Malaria risk mapping was as important to control 50 years ago as it is today in the Republic of Sudan. Maps such as the one shown in Figure 2 developed using empirical national survey data are key to strategic planning of interventions for future malaria control and elimination in the Sudan. The study is a collaborative work with the Sudan NMCP and it anticipated this will facilitate the quick adoption of the malaria risk map for control planning.

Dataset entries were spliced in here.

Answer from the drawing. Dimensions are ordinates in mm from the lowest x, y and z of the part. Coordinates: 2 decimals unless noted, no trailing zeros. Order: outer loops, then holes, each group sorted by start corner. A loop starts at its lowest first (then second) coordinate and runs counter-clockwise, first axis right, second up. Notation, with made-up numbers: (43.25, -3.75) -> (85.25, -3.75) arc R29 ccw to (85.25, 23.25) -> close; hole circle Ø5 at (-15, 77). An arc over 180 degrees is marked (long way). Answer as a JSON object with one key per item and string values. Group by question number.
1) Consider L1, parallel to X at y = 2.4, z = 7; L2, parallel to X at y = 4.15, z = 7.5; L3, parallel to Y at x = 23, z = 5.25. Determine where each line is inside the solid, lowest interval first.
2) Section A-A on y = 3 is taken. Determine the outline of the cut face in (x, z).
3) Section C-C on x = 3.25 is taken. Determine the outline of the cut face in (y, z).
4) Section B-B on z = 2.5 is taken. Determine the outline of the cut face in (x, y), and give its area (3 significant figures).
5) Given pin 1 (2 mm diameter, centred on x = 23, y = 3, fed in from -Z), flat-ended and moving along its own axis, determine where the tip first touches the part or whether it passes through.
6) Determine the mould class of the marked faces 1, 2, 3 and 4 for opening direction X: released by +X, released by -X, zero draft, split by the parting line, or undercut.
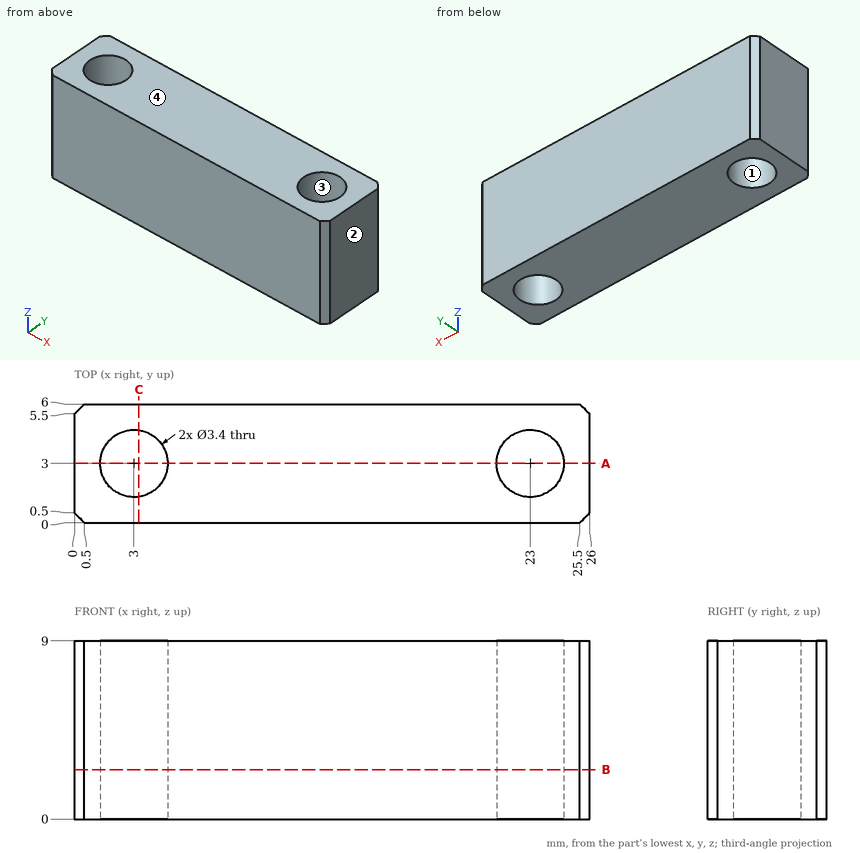
Worked answers:
{
 "1": {"L1": "x = 0 to 1.41, 4.59 to 21.41, 24.59 to 26", "L2": "x = 0 to 1.75, 4.25 to 21.75, 24.25 to 26", "L3": "y = 0 to 1.3, 4.7 to 6"},
 "2": {"outline": "(0, 0) -> (1.3, 0) -> (1.3, 9) -> (0, 9) -> close; (4.7, 0) -> (21.3, 0) -> (21.3, 9) -> (4.7, 9) -> close; (24.7, 0) -> (26, 0) -> (26, 9) -> (24.7, 9) -> close"},
 "3": {"outline": "(0, 0) -> (1.32, 0) -> (1.32, 9) -> (0, 9) -> close; (4.68, 0) -> (6, 0) -> (6, 9) -> (4.68, 9) -> close"},
 "4": {"outline": "(0, 0.5) -> (0.5, 0) -> (25.5, 0) -> (26, 0.5) -> (26, 5.5) -> (25.5, 6) -> (0.5, 6) -> (0, 5.5) -> close; hole circle Ø3.4 at (3, 3); hole circle Ø3.4 at (23, 3)", "area": "137 mm²"},
 "5": {"pin 1": "passes through"},
 "6": {"face 1": "undercut", "face 2": "released by +X", "face 3": "undercut", "face 4": "zero draft"}
}
The listing builds one solid part. Answer for the finished solid, in the listing's coordinates (mm). A direction names the side the tool comes from. Round coordinates to 2 decimals unless told otherwise and drop trailing zeros. Write each loop counter-clockwise with the first axis right and the second up, starting at its lowest first coordinate (ties: lowest second). Pieces come first, ordered by that corner, then holes. Notation, with made-up numbers: (5.25, 31) - (16.25, 31) arc R11 cw to (16.25, 45) - close; hole circle Ø3 at (-15.5, 65). An arc over 180 degrees is marked (long way). Return JSON: item names as keys, results as strings. Group by question number.
from build123d import *

# Parameters (mm, degrees)
SKETCH_1_R          = 45
SKETCH_1_R_2        = 13.25
EXTRUDE_1_DEPTH     = 2
CUT_EXTRUDE_1_REACH = 65.765


with BuildPart() as part:
    # 草图1 → 凸台-拉伸1 (new, symmetric)
    with BuildSketch(Plane(origin=(0, 0, 0), x_dir=(1, 0, 0), z_dir=(0, 1, 0))):
        with Locations(Location((0, 0, 0), (0, 0, 270))):
            Circle(SKETCH_1_R)
        with Locations(Location((0, 0, 0), (0, 0, 270))):
            Circle(SKETCH_1_R_2, mode=Mode.SUBTRACT)
    extrude(amount=EXTRUDE_1_DEPTH, both=True)

    # 草图2 → 切除-拉伸1 (cut, up to next)
    with BuildSketch(Plane.XZ.offset(2), mode=Mode.PRIVATE) as cut_extrude_1_sk1:
        with BuildLine():
            Line((-13.23838441, 0.5546875), (-13.23838441, 3.5546875))
            ThreePointArc((-13.23838441, 3.5546875), (0, 32.5), (13.23838441, 3.5546875))
            Line((13.23838441, 3.5546875), (13.23838441, 0.5546875))
            Line((13.23838441, 0.5546875), (-13.23838441, 0.5546875))
        make_face()
    cut_extrude_1_tool1 = extrude(cut_extrude_1_sk1.sketch, amount=-CUT_EXTRUDE_1_REACH, mode=Mode.PRIVATE) & part.part
    add(cut_extrude_1_tool1.solids().sort_by_distance((0, -2, 15.557308))[0], mode=Mode.SUBTRACT)


solid = part.part
(1) Find section A-A (y = 1.2). Write down the section's boundary in (x, z), plus the area to 3 significant figures.
(2) Find section C-C (z = -3). Write down the section's boundary in (x, y), plus the area to 3 significant figures.
(3) Find section B-B (x = -7.5). Write down the section's boundary in (y, z), plus the area to 3 significant figures.
(4) Find section D-D (x = 19.5). Write down the section's boundary in (y, z), plus the area to 3 significant figures.
(5) Determine the mould class of faces 3 (the cylindrical face through (-0.56, -0.03, 32.49)), 4 (the flat face through (-9, 2, -11)), 5 (the cylindrical face through (-17.235, 0.028, 41.569)) for opening direction Z: +Z half, -Z half, draft (parallel to the pull), parting line (faces both ways), or undercut.
(6) Flat-ended cylindrical pins translate along their axes: pin 1 (21 mm diameter, centred on x = 0, z = 15, fed in from +Y); pin 2 (1.5 mm diameter, centred on x = -32.5, y = 1.5, fed in from +Z); pin 3 (1.5 mm diameter, centred on y = 0.5, z = -24.5, fed in from -X). Find the tip coordinate at first contact, or state that the pin passes through.
(7) Consider line 1 (X direction, y = -0.4, z = -1); line 2 (X direction, y = -0.25, z = 15); line 3 (Z direction, x = -14, y = 1.3). Determine where each line is inside the solid, lowest interval first.
(8) For faces 1 (the cylindrical face through (0.299, -0.028, -13.247)), 2 (the flat face through (-9, -2, -11)), determine the directions among +Z, -Z, +X, -X, +Y, -Y from which every point of the face is accessible in a straight line to the end or side of a thin tool.
Check sheet entries:
{
 "1": {"outline": "circle Ø90 at (0, 0); hole (-13.24, 0.55) arc R13.25 ccw (long way) to (13.24, 0.55) - (13.24, 3.55) arc R17.5 ccw (long way) to (-13.24, 3.55) - close", "area": "5,140 mm^2"},
 "2": {"outline": "(-44.9, -2) - (-12.91, -2) - (-12.91, 2) - (-44.9, 2) - close; (12.91, -2) - (44.9, -2) - (44.9, 2) - (12.91, 2) - close", "area": "256 mm^2"},
 "3": {"outline": "(-2, -44.37) - (2, -44.37) - (2, -10.92) - (-2, -10.92) - close; (-2, 30.81) - (2, 30.81) - (2, 44.37) - (-2, 44.37) - close", "area": "188 mm^2"},
 "4": {"outline": "(-2, -40.56) - (2, -40.56) - (2, 40.56) - (-2, 40.56) - close", "area": "324 mm^2"},
 "5": {"face 3": "undercut", "face 4": "draft", "face 5": "parting line"},
 "6": {"pin 1": "passes through", "pin 2": "stops at z = 31.89", "pin 3": "stops at x = -38.22"},
 "7": {"line 1": "x = -44.99 to -13.21, 13.21 to 44.99", "line 2": "x = -42.43 to -17.5, 17.5 to 42.43", "line 3": "z = -42.77 to 4.5, 25.5 to 42.77"},
 "8": {"face 1": "+Y, -Y", "face 2": "+Z, -Z, +X, -X, -Y"}
}
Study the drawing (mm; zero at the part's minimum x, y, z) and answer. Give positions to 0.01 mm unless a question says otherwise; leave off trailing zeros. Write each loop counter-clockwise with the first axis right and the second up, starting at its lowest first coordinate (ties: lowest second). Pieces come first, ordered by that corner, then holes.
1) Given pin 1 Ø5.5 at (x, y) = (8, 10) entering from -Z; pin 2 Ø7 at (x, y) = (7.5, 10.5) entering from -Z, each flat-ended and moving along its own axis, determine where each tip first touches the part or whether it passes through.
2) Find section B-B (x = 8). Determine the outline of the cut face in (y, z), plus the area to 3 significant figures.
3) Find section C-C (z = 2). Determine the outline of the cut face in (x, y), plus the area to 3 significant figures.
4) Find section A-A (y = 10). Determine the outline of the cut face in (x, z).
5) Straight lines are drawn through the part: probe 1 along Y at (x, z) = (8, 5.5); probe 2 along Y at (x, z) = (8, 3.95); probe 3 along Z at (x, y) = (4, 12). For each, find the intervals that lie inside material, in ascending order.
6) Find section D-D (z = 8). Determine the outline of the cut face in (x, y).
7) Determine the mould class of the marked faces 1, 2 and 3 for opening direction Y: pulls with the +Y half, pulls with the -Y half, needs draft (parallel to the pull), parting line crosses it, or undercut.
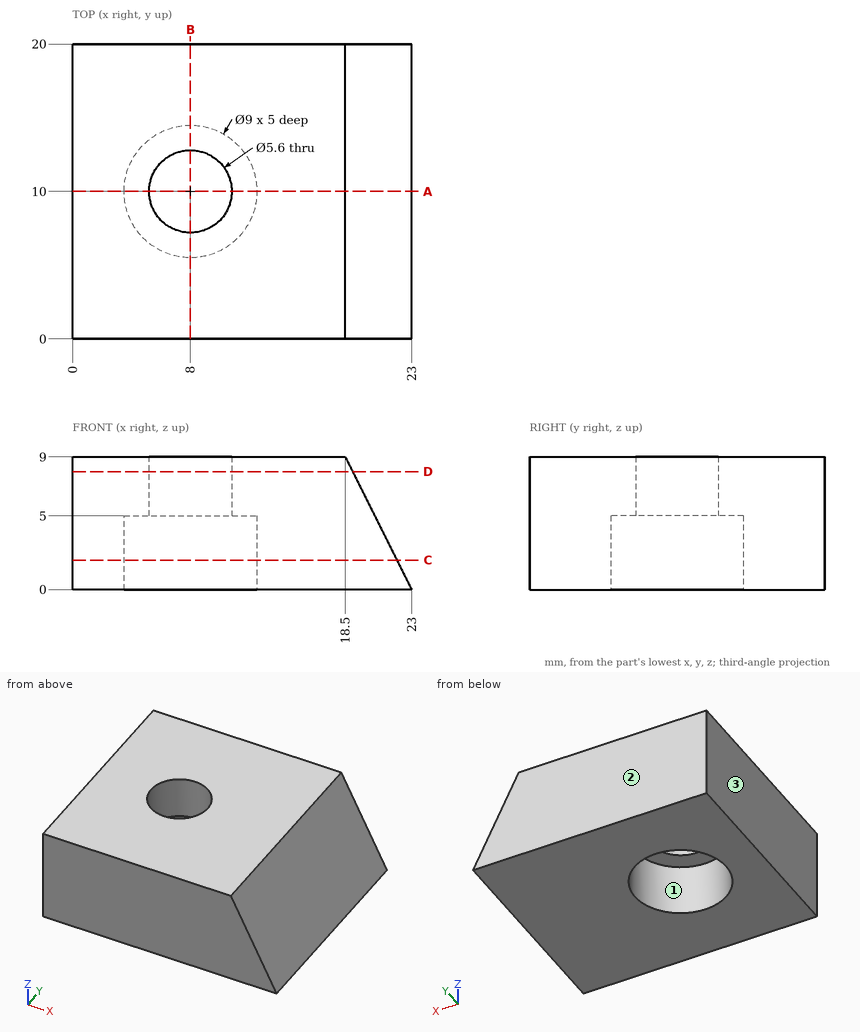
Results:
1. pin 1: passes through
1. pin 2: stops at z = 5
2. outline: (0, 0) - (5.5, 0) - (5.5, 5) - (7.2, 5) - (7.2, 9) - (0, 9) - close; (12.8, 5) - (14.5, 5) - (14.5, 0) - (20, 0) - (20, 9) - (12.8, 9) - close
2. area: 113 mm2
3. outline: (0, 0) - (22, 0) - (22, 20) - (0, 20) - close; hole circle Ø9 at (8, 10)
3. area: 376 mm2
4. outline: (0, 0) - (3.5, 0) - (3.5, 5) - (5.2, 5) - (5.2, 9) - (0, 9) - close; (10.8, 5) - (12.5, 5) - (12.5, 0) - (23, 0) - (18.5, 9) - (10.8, 9) - close
5. probe 1: y = 0 to 7.2, 12.8 to 20
5. probe 2: y = 0 to 5.5, 14.5 to 20
5. probe 3: z = 5 to 9
6. outline: (0, 0) - (19, 0) - (19, 20) - (0, 20) - close; hole circle Ø5.6 at (8, 10)
7. face 1: undercut
7. face 2: pulls with the +Y half
7. face 3: needs draft
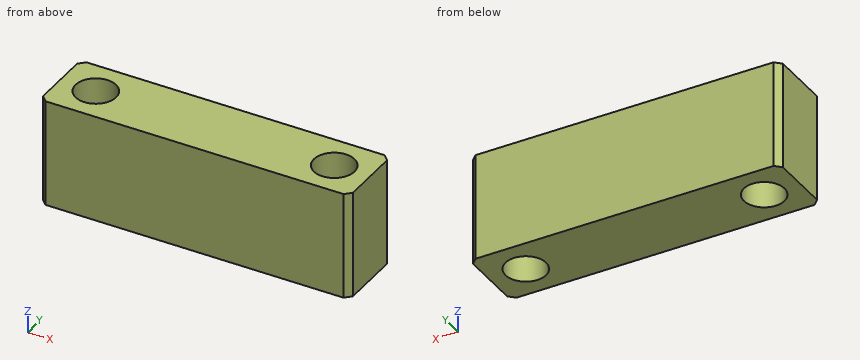
from build123d import *

# Parameters (mm, degrees)
SKETCH1_W                = 26
SKETCH1_H                = 6
BOSS_EXTRUDE1_DEPTH      = 9
M3_CLEARANCE_HOLE1_D     = 3.4
M3_CLEARANCE_HOLE1_DEPTH = 30
M3_CLEARANCE_HOLE1_TIP   = 1.021463052
CHAMFER1_SIZE            = 0.5


with BuildPart() as part:
    # Sketch1 → Boss-Extrude1 (new body)
    with BuildSketch(Plane.XY):
        Rectangle(SKETCH1_W, SKETCH1_H)
    extrude(amount=BOSS_EXTRUDE1_DEPTH)

    # M3 Clearance Hole1
    with Locations(Plane.XY.offset(9)):
        with Locations((-10, 0), (10, 0)):
            Hole(M3_CLEARANCE_HOLE1_D / 2, depth=M3_CLEARANCE_HOLE1_DEPTH)
            with Locations((0, 0, -(M3_CLEARANCE_HOLE1_DEPTH + M3_CLEARANCE_HOLE1_TIP / 2))):  # 118° drill point
                Cone(0, M3_CLEARANCE_HOLE1_D / 2, M3_CLEARANCE_HOLE1_TIP, mode=Mode.SUBTRACT)

    # Chamfer1
    chamfer1_edges = [part.edges().sort_by_distance(p)[0] for p in [
        (13, -3, 4.5),
        (-13, -3, 4.5),
        (-13, 3, 4.5),
        (13, 3, 4.5),
    ]]
    chamfer(chamfer1_edges, length=CHAMFER1_SIZE)


solid = part.part
Check sheet for the modelled part. Datum: model origin and axes. Units: mm. Round coordinates to 2 decimals unless told otherwise and drop trailing zeros. Order: outer loops, then holes, each group sorted by start corner. A loop starts at its lowest first (then second) coordinate and runs counter-clockwise, first axis right, second up.
(1) Go/stop test with a flat-tipped pin: P1, Ø2.5, axis at x = 10, y = 0, coming from the -Z side. Record where the tip stops, or that it passes through.
(2) Cross-section at B-B, the plane x = -10. Enter the section's corners in (y, z), and give its area (3 significant figures).
(3) Scan lines: probe 1 along Y at (x, z) = (10, 7); probe 2 along X at (y, z) = (1.5, 2); probe 3 along X at (y, z) = (-1.1, 0.75). Record each from-to range of solid material in increasing order.
(4) Cross-section at A-A, the plane y = 0. Enter the section's corners in (x, z).
(5) Cross-section at D-D, the plane y = 1.35. Enter the section's corners in (x, z).
(6) Cross-section at C-C, the plane z = 2.5. Enter the section's corners in (x, y), and give its area (3 significant figures).
Check sheet entries:
1. P1: passes through
2. outline: (-3, 0) - (-1.7, 0) - (-1.7, 9) - (-3, 9) - close; (1.7, 0) - (3, 0) - (3, 9) - (1.7, 9) - close
2. area: 23.4 mm2
3. probe 1: y = -3 to -1.7, 1.7 to 3
3. probe 2: x = -13 to -10.8, -9.2 to 9.2, 10.8 to 13
3. probe 3: x = -13 to -11.3, -8.7 to 8.7, 11.3 to 13
4. outline: (-13, 0) - (-11.7, 0) - (-11.7, 9) - (-13, 9) - close; (-8.3, 0) - (8.3, 0) - (8.3, 9) - (-8.3, 9) - close; (11.7, 0) - (13, 0) - (13, 9) - (11.7, 9) - close
5. outline: (-13, 0) - (-11.03, 0) - (-11.03, 9) - (-13, 9) - close; (-8.97, 0) - (8.97, 0) - (8.97, 9) - (-8.97, 9) - close; (11.03, 0) - (13, 0) - (13, 9) - (11.03, 9) - close
6. outline: (-13, -2.5) - (-12.5, -3) - (12.5, -3) - (13, -2.5) - (13, 2.5) - (12.5, 3) - (-12.5, 3) - (-13, 2.5) - close; hole circle Ø3.4 at (-10, 0); hole circle Ø3.4 at (10, 0)
6. area: 137 mm2

This, however, must be a dynamic exercise, which should be updated with new empirical and environmental data every few years. Special efforts must be invested in the data sparse areas along the southern border where predicted transmission is high but where, historically, insecurity has been a problem making the populations here even more vulnerable to the burden of malaria. Data in this area could be improved either by oversampling during the next MIS or by undertaking targeted surveys. Finally, the data required to develop empirical malaria risk maps are becoming increasingly available, but the geostatistical skills required to develop the spatial and temporal models are highly specialized and probably out of the reach of most national programs for the foreseeable future. The use of MCMC algorithms in which models take a long time to converge and require large computing resources is also an additional obstacle to routine development of geostatistical malaria maps. Recent developments of algorithms such as integrated nested Laplace approximations (INLA),100 however, offer opportunities for developing spatial-temporal models that converge rapidly without loss of predictive accuracy and can be run on an ordinary desktop.